In this repository, we provide mfmodel package implementing proposed methods.

Installation

To install mfmodel 1) activate virtual environment, 2) clone the repo, 3) from inside the directory run

pip install -e .

Requirements

  • python == 3.9
  • mlrfit == 0.0.1
  • numpy >= 1.21
  • scipy >= 1.10
  • scikit-learn == 1.1.3
  • cvxpy == 1.4.2
  • matplotlib == 3.7.1
  • numba == 0.55.0

hello_world

See the examples/hello_world.ipynb notebook or explanation below.

Step 1. Load the feature vector Y, rank allocation ranks, and hierarchical paritioning hpart.

import mfmodel as mfm
Y, ranks, hpart = ...

Step 2. Fit the MFM to the data, create MFModel object instance.

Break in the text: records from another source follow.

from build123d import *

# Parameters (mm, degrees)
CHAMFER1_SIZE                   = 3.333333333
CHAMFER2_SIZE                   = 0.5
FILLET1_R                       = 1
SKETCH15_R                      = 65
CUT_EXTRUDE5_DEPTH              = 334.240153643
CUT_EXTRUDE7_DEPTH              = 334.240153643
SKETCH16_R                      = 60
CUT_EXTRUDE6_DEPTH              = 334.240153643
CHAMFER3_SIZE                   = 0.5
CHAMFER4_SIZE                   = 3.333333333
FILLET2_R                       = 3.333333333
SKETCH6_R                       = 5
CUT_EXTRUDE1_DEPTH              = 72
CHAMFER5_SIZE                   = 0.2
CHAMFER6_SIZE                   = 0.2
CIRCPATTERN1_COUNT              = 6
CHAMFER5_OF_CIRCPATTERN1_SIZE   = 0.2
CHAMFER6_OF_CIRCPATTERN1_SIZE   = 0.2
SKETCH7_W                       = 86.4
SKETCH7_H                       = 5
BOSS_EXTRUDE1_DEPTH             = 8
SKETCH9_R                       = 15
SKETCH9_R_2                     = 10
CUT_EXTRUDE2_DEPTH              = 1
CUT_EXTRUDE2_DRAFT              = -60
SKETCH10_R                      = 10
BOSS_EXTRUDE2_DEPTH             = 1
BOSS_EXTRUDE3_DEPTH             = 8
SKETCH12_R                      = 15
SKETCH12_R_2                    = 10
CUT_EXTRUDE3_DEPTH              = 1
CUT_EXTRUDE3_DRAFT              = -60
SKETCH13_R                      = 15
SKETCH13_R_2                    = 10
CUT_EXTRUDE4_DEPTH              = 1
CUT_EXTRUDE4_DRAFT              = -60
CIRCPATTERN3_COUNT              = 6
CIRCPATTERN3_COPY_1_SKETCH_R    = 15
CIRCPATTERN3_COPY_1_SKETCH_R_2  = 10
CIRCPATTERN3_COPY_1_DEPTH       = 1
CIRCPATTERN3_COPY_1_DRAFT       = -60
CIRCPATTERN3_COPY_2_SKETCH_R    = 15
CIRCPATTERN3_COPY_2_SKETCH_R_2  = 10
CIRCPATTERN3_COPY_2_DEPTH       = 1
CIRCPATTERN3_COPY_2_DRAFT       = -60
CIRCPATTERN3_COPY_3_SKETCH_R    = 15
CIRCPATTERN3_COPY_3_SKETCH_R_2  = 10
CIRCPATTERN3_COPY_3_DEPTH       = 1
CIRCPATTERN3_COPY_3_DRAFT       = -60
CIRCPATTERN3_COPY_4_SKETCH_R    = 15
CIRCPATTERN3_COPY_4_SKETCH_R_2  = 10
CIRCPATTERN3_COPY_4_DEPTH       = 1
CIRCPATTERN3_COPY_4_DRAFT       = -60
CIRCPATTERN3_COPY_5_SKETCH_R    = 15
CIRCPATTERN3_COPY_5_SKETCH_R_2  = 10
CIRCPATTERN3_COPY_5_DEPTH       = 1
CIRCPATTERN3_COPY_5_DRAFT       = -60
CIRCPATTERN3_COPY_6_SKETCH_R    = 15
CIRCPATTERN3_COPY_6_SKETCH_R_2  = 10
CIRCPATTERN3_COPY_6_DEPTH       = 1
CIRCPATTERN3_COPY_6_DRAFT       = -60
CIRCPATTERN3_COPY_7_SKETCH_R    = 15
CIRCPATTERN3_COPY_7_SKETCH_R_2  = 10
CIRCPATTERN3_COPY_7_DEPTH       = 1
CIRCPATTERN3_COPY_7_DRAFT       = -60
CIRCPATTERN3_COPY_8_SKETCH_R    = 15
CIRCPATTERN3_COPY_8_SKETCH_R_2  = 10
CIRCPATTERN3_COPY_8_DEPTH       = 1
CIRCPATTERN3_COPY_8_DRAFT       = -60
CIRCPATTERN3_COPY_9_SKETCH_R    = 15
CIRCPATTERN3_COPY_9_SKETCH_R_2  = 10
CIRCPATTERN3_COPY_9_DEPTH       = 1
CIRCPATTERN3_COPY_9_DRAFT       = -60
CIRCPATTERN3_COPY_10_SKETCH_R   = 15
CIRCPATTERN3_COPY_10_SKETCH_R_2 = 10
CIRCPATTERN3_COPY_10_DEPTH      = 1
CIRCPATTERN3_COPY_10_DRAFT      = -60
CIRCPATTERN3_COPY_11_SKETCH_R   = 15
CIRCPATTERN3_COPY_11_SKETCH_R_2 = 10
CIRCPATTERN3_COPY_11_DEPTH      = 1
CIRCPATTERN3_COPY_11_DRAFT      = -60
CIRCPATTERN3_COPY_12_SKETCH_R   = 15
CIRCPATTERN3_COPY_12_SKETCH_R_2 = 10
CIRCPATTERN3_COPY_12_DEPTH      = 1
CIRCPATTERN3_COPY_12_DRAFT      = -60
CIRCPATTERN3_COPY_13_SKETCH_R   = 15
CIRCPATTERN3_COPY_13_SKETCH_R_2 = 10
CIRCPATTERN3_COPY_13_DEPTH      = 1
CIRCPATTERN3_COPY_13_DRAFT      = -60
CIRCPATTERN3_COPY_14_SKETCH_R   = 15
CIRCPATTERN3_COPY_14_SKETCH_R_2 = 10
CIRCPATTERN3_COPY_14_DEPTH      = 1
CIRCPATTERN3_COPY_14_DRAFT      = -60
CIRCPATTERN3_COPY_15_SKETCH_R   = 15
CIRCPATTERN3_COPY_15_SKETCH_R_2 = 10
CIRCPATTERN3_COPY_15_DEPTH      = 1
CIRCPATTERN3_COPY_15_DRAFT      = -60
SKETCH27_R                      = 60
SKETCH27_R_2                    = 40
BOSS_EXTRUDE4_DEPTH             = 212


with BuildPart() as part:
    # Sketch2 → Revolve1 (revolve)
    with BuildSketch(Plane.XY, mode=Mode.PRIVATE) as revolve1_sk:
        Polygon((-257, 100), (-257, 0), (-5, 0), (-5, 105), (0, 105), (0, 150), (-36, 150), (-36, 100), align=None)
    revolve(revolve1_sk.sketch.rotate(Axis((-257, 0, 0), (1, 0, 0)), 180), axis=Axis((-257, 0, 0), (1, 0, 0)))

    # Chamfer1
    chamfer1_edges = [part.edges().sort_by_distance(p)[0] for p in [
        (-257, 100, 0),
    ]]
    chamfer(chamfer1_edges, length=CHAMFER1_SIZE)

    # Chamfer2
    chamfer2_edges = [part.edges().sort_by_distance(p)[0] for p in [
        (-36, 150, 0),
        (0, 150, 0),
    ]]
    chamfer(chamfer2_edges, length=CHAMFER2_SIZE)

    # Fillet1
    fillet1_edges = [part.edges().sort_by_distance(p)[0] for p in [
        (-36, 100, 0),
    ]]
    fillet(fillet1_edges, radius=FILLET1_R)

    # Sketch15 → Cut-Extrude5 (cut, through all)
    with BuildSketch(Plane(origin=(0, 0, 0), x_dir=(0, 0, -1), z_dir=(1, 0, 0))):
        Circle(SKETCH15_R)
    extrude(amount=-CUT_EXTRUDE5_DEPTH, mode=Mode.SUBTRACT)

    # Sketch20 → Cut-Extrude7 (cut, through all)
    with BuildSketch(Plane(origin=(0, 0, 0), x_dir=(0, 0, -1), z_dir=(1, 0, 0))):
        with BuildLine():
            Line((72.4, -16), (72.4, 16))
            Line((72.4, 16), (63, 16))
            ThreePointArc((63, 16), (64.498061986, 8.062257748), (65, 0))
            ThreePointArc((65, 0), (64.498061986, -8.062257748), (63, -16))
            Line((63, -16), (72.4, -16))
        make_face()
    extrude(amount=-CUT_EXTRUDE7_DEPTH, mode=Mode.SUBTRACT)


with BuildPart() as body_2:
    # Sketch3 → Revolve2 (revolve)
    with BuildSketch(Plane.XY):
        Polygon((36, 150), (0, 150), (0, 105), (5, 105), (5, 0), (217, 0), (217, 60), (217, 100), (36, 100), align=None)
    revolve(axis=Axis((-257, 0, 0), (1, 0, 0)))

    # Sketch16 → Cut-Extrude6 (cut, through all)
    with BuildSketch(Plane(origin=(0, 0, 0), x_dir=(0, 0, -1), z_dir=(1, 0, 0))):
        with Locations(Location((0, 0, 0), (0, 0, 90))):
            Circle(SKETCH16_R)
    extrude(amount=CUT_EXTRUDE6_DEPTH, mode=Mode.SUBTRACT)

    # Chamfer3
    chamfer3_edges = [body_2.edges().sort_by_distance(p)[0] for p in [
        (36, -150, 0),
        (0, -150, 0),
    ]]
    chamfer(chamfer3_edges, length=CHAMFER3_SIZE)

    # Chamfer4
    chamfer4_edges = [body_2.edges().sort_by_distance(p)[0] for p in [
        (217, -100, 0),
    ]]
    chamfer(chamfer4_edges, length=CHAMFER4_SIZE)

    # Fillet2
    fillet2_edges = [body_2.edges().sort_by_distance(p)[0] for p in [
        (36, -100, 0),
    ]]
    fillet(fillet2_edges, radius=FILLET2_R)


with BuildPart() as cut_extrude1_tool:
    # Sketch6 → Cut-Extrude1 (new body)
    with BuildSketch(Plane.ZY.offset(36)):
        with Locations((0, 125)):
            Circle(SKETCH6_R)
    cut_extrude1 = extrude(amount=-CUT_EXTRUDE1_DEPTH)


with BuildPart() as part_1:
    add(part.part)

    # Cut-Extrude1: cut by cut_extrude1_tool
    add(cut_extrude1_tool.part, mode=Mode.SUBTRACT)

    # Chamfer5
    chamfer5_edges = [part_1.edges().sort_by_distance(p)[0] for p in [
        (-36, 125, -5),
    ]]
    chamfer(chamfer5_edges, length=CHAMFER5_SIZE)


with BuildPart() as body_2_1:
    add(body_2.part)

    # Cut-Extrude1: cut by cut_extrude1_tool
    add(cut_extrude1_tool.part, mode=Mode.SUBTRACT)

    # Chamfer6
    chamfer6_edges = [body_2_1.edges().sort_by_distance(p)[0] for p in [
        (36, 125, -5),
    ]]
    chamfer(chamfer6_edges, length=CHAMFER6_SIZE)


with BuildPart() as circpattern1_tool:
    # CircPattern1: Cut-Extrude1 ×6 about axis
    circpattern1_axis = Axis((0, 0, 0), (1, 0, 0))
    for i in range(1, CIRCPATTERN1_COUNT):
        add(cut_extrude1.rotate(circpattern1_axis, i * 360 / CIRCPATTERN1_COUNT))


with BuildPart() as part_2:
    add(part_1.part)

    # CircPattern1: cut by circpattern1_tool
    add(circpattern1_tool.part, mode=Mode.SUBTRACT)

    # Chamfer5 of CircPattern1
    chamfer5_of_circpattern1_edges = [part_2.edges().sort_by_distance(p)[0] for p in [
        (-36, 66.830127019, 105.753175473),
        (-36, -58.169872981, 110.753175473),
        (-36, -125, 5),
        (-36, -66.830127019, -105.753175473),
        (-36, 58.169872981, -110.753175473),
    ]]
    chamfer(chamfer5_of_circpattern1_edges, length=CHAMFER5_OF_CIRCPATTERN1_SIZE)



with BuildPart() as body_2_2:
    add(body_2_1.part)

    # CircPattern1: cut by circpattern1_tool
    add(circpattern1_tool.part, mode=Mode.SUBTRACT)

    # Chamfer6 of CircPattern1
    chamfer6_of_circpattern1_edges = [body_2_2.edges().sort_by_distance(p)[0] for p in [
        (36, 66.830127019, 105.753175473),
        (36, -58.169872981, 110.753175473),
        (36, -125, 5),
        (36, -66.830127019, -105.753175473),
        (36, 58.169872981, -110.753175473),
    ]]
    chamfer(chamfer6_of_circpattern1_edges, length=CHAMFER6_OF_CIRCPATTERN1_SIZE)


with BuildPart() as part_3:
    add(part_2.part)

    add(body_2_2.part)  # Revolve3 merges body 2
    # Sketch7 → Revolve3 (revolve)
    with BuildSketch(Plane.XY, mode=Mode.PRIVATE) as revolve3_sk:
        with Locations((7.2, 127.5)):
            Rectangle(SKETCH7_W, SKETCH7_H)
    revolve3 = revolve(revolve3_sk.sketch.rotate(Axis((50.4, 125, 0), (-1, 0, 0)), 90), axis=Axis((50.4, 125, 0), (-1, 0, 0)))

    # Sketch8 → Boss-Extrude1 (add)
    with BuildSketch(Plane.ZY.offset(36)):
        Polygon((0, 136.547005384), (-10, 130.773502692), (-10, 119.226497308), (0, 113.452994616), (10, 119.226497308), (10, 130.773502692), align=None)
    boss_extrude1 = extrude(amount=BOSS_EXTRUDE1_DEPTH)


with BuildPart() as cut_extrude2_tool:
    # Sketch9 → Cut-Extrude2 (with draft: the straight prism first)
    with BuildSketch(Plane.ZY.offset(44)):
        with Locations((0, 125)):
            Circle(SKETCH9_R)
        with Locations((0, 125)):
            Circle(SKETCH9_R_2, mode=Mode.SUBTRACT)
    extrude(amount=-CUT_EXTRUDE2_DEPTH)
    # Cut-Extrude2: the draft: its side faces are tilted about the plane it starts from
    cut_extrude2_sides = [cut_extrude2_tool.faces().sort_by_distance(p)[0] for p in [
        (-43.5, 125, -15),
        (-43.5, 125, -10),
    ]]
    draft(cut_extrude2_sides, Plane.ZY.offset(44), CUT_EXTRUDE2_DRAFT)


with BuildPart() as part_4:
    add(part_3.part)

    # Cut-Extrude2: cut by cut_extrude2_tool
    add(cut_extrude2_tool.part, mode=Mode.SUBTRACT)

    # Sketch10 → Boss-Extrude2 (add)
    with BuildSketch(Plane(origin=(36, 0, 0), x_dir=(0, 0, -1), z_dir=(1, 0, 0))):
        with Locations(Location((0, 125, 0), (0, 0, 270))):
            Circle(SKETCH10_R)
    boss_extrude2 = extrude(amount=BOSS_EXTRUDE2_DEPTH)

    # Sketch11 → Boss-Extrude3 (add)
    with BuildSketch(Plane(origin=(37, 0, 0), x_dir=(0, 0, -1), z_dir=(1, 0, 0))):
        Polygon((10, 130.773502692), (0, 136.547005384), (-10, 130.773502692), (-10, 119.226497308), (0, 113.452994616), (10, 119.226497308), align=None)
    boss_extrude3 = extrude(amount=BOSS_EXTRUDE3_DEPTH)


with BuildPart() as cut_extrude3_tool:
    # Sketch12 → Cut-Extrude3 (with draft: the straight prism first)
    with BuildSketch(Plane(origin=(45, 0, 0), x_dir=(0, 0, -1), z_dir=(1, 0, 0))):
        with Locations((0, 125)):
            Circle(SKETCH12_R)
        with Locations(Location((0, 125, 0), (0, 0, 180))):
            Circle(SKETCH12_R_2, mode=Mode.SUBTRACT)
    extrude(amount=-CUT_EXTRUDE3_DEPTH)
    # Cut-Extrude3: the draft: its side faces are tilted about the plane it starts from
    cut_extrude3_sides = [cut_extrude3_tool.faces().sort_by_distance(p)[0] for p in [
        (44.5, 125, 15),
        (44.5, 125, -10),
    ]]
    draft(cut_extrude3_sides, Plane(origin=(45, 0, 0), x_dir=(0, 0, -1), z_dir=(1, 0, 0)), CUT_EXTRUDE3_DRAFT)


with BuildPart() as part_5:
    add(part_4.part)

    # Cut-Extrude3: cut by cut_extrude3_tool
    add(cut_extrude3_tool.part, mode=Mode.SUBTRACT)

fitted_mfm, _ = mfm.fit(Y, ranks, hpart)

Once the $\hat \Sigma$ model has been fitted, we can use it for fast linear algebra:

  1. Matrix-vector multiplication $\hat \Sigma x$ by calling
b = fitted_mfm.matvec(x)
  1. Linear system solve $\hat \Sigma x = b$
x = fitted_mfm.solve(v)
  1. Diagonal of $\hat \Sigma^{-1}$
d = fitted_mfm.diag_inv()

See examples/inverse_large.ipynb, where we invert $10^5 \times 10^5$ MLR matrix.

Example notebooks

See the notebooks in examples/ folder that show how to use mfmodel.